# Bred Doeling



## caprinelivin (Mar 6, 2014)

So I have a Boer doeling who lost her mother when she was approximately 12 weeks old so I put her in with my 2 bottle babies and new dairy does and they are all a happy family! I brought in a buck for my dairy girls and the very day he was leaving I walked out to find him breeding with her-the boer doeling. He had gotten out of his pen and there is no telling for how long. We have never had this problem and we have a Boer buck on the premises at all times. Now she is 6 months old and in GREAT physical condition but we do not breed our does until they are at least a year old. I am at a loss on what to do and I am worried for her. I would love to hear back on what ya'll would do in my situation. It has been about 3 weeks since this happened.


----------



## Scottyhorse (Feb 11, 2013)

You could give her lute to abort if you would like.


----------



## SalteyLove (Jun 18, 2011)

Well - you have a few options, 1. speak to a vet and ask for a dosage of Lutalyse in order to bring on a heat and cause her to abort, 2. wait another week and send in a blood or urine sample to a lab to confirm pregnancy, or 3. wait it out and let her carry it. She would be over 1 year old when she kids and would likely be fine - it's not ideal (as you said, you prefer to wait until they are older) but with good care & feed she would probably be able to catch up, growth-wise, with a good long break after weaning kids.

Sorry about the bum luck!


----------



## caprinelivin (Mar 6, 2014)

Thank you Scottyhorse and SalteyLove for your responses. I have heard of lute but I have not heard of such a young doe kidding and the outcome of it, which is what I was most curious about. I have been thinking about this and what we should do since it happened. If time allows I would like to find out if she is in fact bred (maybe it did not take?) before I administer lute.


----------



## SalteyLove (Jun 18, 2011)

You, or a vet, can do a blood draw and send it to the lab called BioTracking (a quick google search and you will find it and be able to print the sample submission pages). It is not very expensive.

There is also a lab that does urine analysis but I have heard it is less reliable (never used it myself.)
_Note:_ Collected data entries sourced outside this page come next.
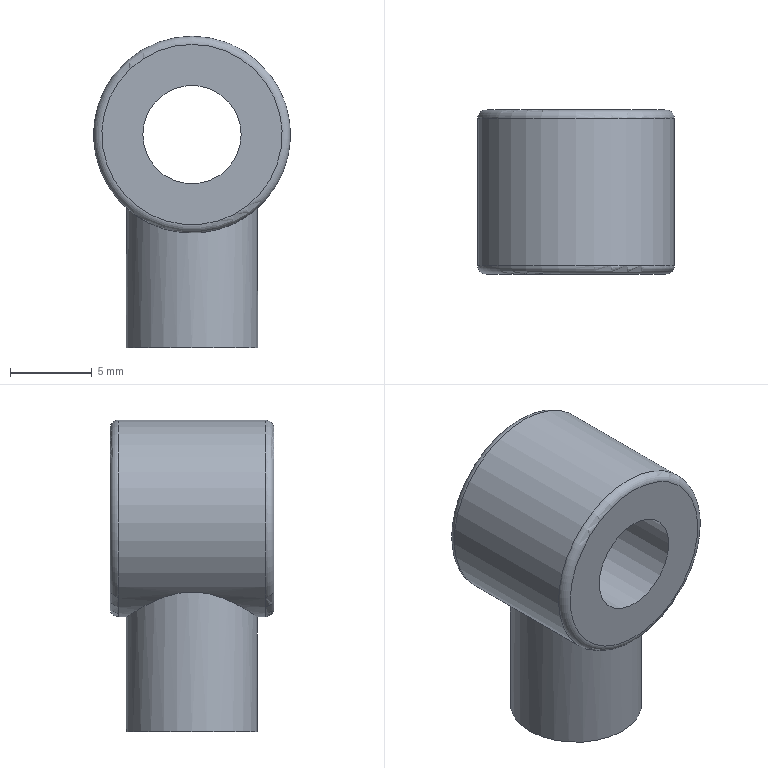Component | NX | PISTON_LINK | 1 solid | 10 faces | box 12 x 10 x 19 mm | volume 1057 mm3 | cylinder 4 | plane 4 | torus 2 | commonest cylinder face diameters 12 x1 6 x1 8 x1 5 x1
STEP:
#1=CARTESIAN_POINT('',(0.,0.,0.));
#2=DIRECTION('',(0.,0.,1.));
#3=DIRECTION('',(1.,0.,0.));
#4=AXIS2_PLACEMENT_3D('',#1,#2,#3);
#5=CARTESIAN_POINT('',(0.,-41.5,133.));
#6=VERTEX_POINT('',#5);
#7=CARTESIAN_POINT('',(0.,-41.5,127.));
#8=DIRECTION('',(0.,1.,0.));
#9=DIRECTION('',(0.,0.,1.));
#10=AXIS2_PLACEMENT_3D('',#7,#8,#9);
#11=CIRCLE('',#10,6.);
#12=CARTESIAN_POINT('',(0.,-32.,127.));
#13=DIRECTION('',(0.,-1.,0.));
#14=DIRECTION('',(0.,0.,1.));
#15=AXIS2_PLACEMENT_3D('',#12,#13,#14);
#16=CYLINDRICAL_SURFACE('',#15,6.);
#17=CARTESIAN_POINT('',(6.283,9.5));
#18=DIRECTION('',(-1.,0.));
#19=VECTOR('',#18,1.);
#20=LINE('',#17,#19);
#21=(GEOMETRIC_REPRESENTATION_CONTEXT(2)PARAMETRIC_REPRESENTATION_CONTEXT()REPRESENTATION_CONTEXT('',''));
#22=DEFINITIONAL_REPRESENTATION('',(#20),#21);
#23=PCURVE('',#16,#22);
#24=CARTESIAN_POINT('',(0.,-41.5,127.));
#25=DIRECTION('',(0.,-1.,0.));
#26=DIRECTION('',(0.,0.,1.));
#27=AXIS2_PLACEMENT_3D('',#24,#25,#26);
#28=TOROIDAL_SURFACE('',#27,5.5,0.5);
#29=CARTESIAN_POINT('',(6.283,6.283));
#30=DIRECTION('',(-1.,0.));
#31=VECTOR('',#30,1.);
#32=LINE('',#29,#31);
#33=(GEOMETRIC_REPRESENTATION_CONTEXT(2)PARAMETRIC_REPRESENTATION_CONTEXT()REPRESENTATION_CONTEXT('',''));
#34=DEFINITIONAL_REPRESENTATION('',(#32),#33);
#35=PCURVE('',#28,#34);
#36=SURFACE_CURVE('',#11,(#23,#35),.PCURVE_S1.);
#37=EDGE_CURVE('',#6,#6,#36,.T.);
#38=ORIENTED_EDGE('',*,*,#37,.T.);
#39=CARTESIAN_POINT('',(0.,-32.5,133.));
#40=VERTEX_POINT('',#39);
#41=CARTESIAN_POINT('',(0.,-32.5,133.));
#42=CARTESIAN_POINT('',(0.,-41.5,133.));
#43=B_SPLINE_CURVE_WITH_KNOTS('',1,(#41,#42),.UNSPECIFIED.,.F.,.F.,(2,2),(0.5,9.5),.PIECEWISE_BEZIER_KNOTS.);
#44=CARTESIAN_POINT('',(0.,0.));
#45=DIRECTION('',(0.,1.));
#46=VECTOR('',#45,1.);
#47=LINE('',#44,#46);
#48=(GEOMETRIC_REPRESENTATION_CONTEXT(2)PARAMETRIC_REPRESENTATION_CONTEXT()REPRESENTATION_CONTEXT('',''));
#49=DEFINITIONAL_REPRESENTATION('',(#47),#48);
#50=PCURVE('',#16,#49);
#51=CARTESIAN_POINT('',(6.283,0.));
#52=DIRECTION('',(0.,1.));
#53=VECTOR('',#52,1.);
#54=LINE('',#51,#53);
#55=(GEOMETRIC_REPRESENTATION_CONTEXT(2)PARAMETRIC_REPRESENTATION_CONTEXT()REPRESENTATION_CONTEXT('',''));
#56=DEFINITIONAL_REPRESENTATION('',(#54),#55);
#57=PCURVE('',#16,#56);
#58=SEAM_CURVE('',#43,(#50,#57),.PCURVE_S1.);
#59=EDGE_CURVE('',#40,#6,#58,.T.);
#60=ORIENTED_EDGE('',*,*,#59,.F.);
#61=CARTESIAN_POINT('',(0.,-32.5,127.));
#62=DIRECTION('',(0.,-1.,0.));
#63=DIRECTION('',(0.,0.,1.));
#64=AXIS2_PLACEMENT_3D('',#61,#62,#63);
#65=CIRCLE('',#64,6.);
#66=CARTESIAN_POINT('',(0.,0.5));
#67=DIRECTION('',(1.,0.));
#68=VECTOR('',#67,1.);
#69=LINE('',#66,#68);
#70=(GEOMETRIC_REPRESENTATION_CONTEXT(2)PARAMETRIC_REPRESENTATION_CONTEXT()REPRESENTATION_CONTEXT('',''));
#71=DEFINITIONAL_REPRESENTATION('',(#69),#70);
#72=PCURVE('',#16,#71);
#73=CARTESIAN_POINT('',(0.,-32.5,127.));
#74=DIRECTION('',(0.,-1.,0.));
#75=DIRECTION('',(0.,0.,1.));
#76=AXIS2_PLACEMENT_3D('',#73,#74,#75);
#77=TOROIDAL_SURFACE('',#76,5.5,0.5);
#78=CARTESIAN_POINT('',(0.,6.283));
#79=DIRECTION('',(1.,0.));
#80=VECTOR('',#79,1.);
#81=LINE('',#78,#80);
#82=(GEOMETRIC_REPRESENTATION_CONTEXT(2)PARAMETRIC_REPRESENTATION_CONTEXT()REPRESENTATION_CONTEXT('',''));
#83=DEFINITIONAL_REPRESENTATION('',(#81),#82);
#84=PCURVE('',#77,#83);
#85=SURFACE_CURVE('',#65,(#72,#84),.PCURVE_S1.);
#86=EDGE_CURVE('',#40,#40,#85,.T.);
#87=ORIENTED_EDGE('',*,*,#86,.T.);
#88=ORIENTED_EDGE('',*,*,#59,.T.);
#89=EDGE_LOOP('',(#38,#60,#87,#88));
#90=FACE_BOUND('',#89,.T.);
#91=CARTESIAN_POINT('',(0.,-33.,121.));
#92=VERTEX_POINT('',#91);
#93=CARTESIAN_POINT('',(1.094,-33.,121.));
#94=CARTESIAN_POINT('',(-1.094,-33.,121.));
#95=CARTESIAN_POINT('',(-2.121,-33.461,121.329));
#96=CARTESIAN_POINT('',(-3.548,-34.894,122.094));
#97=CARTESIAN_POINT('',(-3.998,-35.907,122.526));
#98=CARTESIAN_POINT('',(-4.002,-38.077,122.53));
#99=CARTESIAN_POINT('',(-3.557,-39.094,122.1));
#100=CARTESIAN_POINT('',(-2.124,-40.539,121.33));
#101=CARTESIAN_POINT('',(-1.087,-40.998,121.002));
#102=CARTESIAN_POINT('',(1.069,-41.002,120.998));
#103=CARTESIAN_POINT('',(2.12,-40.54,121.329));
#104=CARTESIAN_POINT('',(3.55,-39.103,122.095));
#105=CARTESIAN_POINT('',(4.,-38.095,122.527));
#106=CARTESIAN_POINT('',(4.,-35.908,122.528));
#107=CARTESIAN_POINT('',(3.55,-34.897,122.095));
#108=CARTESIAN_POINT('',(2.122,-33.462,121.33));
#109=CARTESIAN_POINT('',(1.094,-33.,121.));
#110=CARTESIAN_POINT('',(-1.094,-33.,121.));
#111=B_SPLINE_CURVE_WITH_KNOTS('',3,(#93,#94,#95,#96,#97,#98,#99,#100,#101,#102,#103,#104,#105,#106,#107,#108,#109,#110),.UNSPECIFIED.,.T.,.F.,(2,2,2,2,2,2,2,2,2,2,2),(-0.125,0.,0.125,0.25,0.375,0.5,0.625,0.75,0.875,1.,1.125),.UNSPECIFIED.);
#112=CARTESIAN_POINT('',(3.142,1.));
#113=CARTESIAN_POINT('',(3.108,1.));
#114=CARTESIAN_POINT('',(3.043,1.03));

I believe you want to wait 30 days after the exposure for either test.


----------



## Scottyhorse (Feb 11, 2013)

Yes, blood is at 30 days from breeding date. You could still abort then, but, there may be a small fetus to deal with if she is indeed pregnant


----------



## Blackheadedboers (Dec 19, 2013)

You could wait it out and let her kid, our boer does often kid at a year old. And we have found that they grow just as good as their sisters that breed at 1 year old to kid at 2 years. Its all up to you, but I would let her kid out.


----------



## caprinelivin (Mar 6, 2014)

Thank you all so much for your replies, you have all been very helpful, and comforting, as usual! My husband and I had talked about just letting her kid before I originally posted but we wanted other opinions. Like I said before, she is in great health and has wonderful body conformation. I do believe she will do fine I was just more worried about the aftermath but it does seem that they--the younger does-- do fine. I will be able to be with her when she kids to help her if need be. Her name is Sadie so when I post about her and how she is doing, you will all know who I am talking about! :thankU:


----------



## toth boer goats (Jul 20, 2008)

She is quite young, I would lute IMO. 
Dairy bucks are big, if he has big kids, she may have issues, being so young and small. 
Caring for babies within and trying to grow is a hard combination, we want her to grow and will have to feed her, but the risk of feeding too much in later pregnancy as the kids grow rapidly, is quite scary. Some first timers don't dilate real good. The kids may get too big to get out. 
She may not be mature enough mentally, to care for her babies, some can be quite stubborn being so young.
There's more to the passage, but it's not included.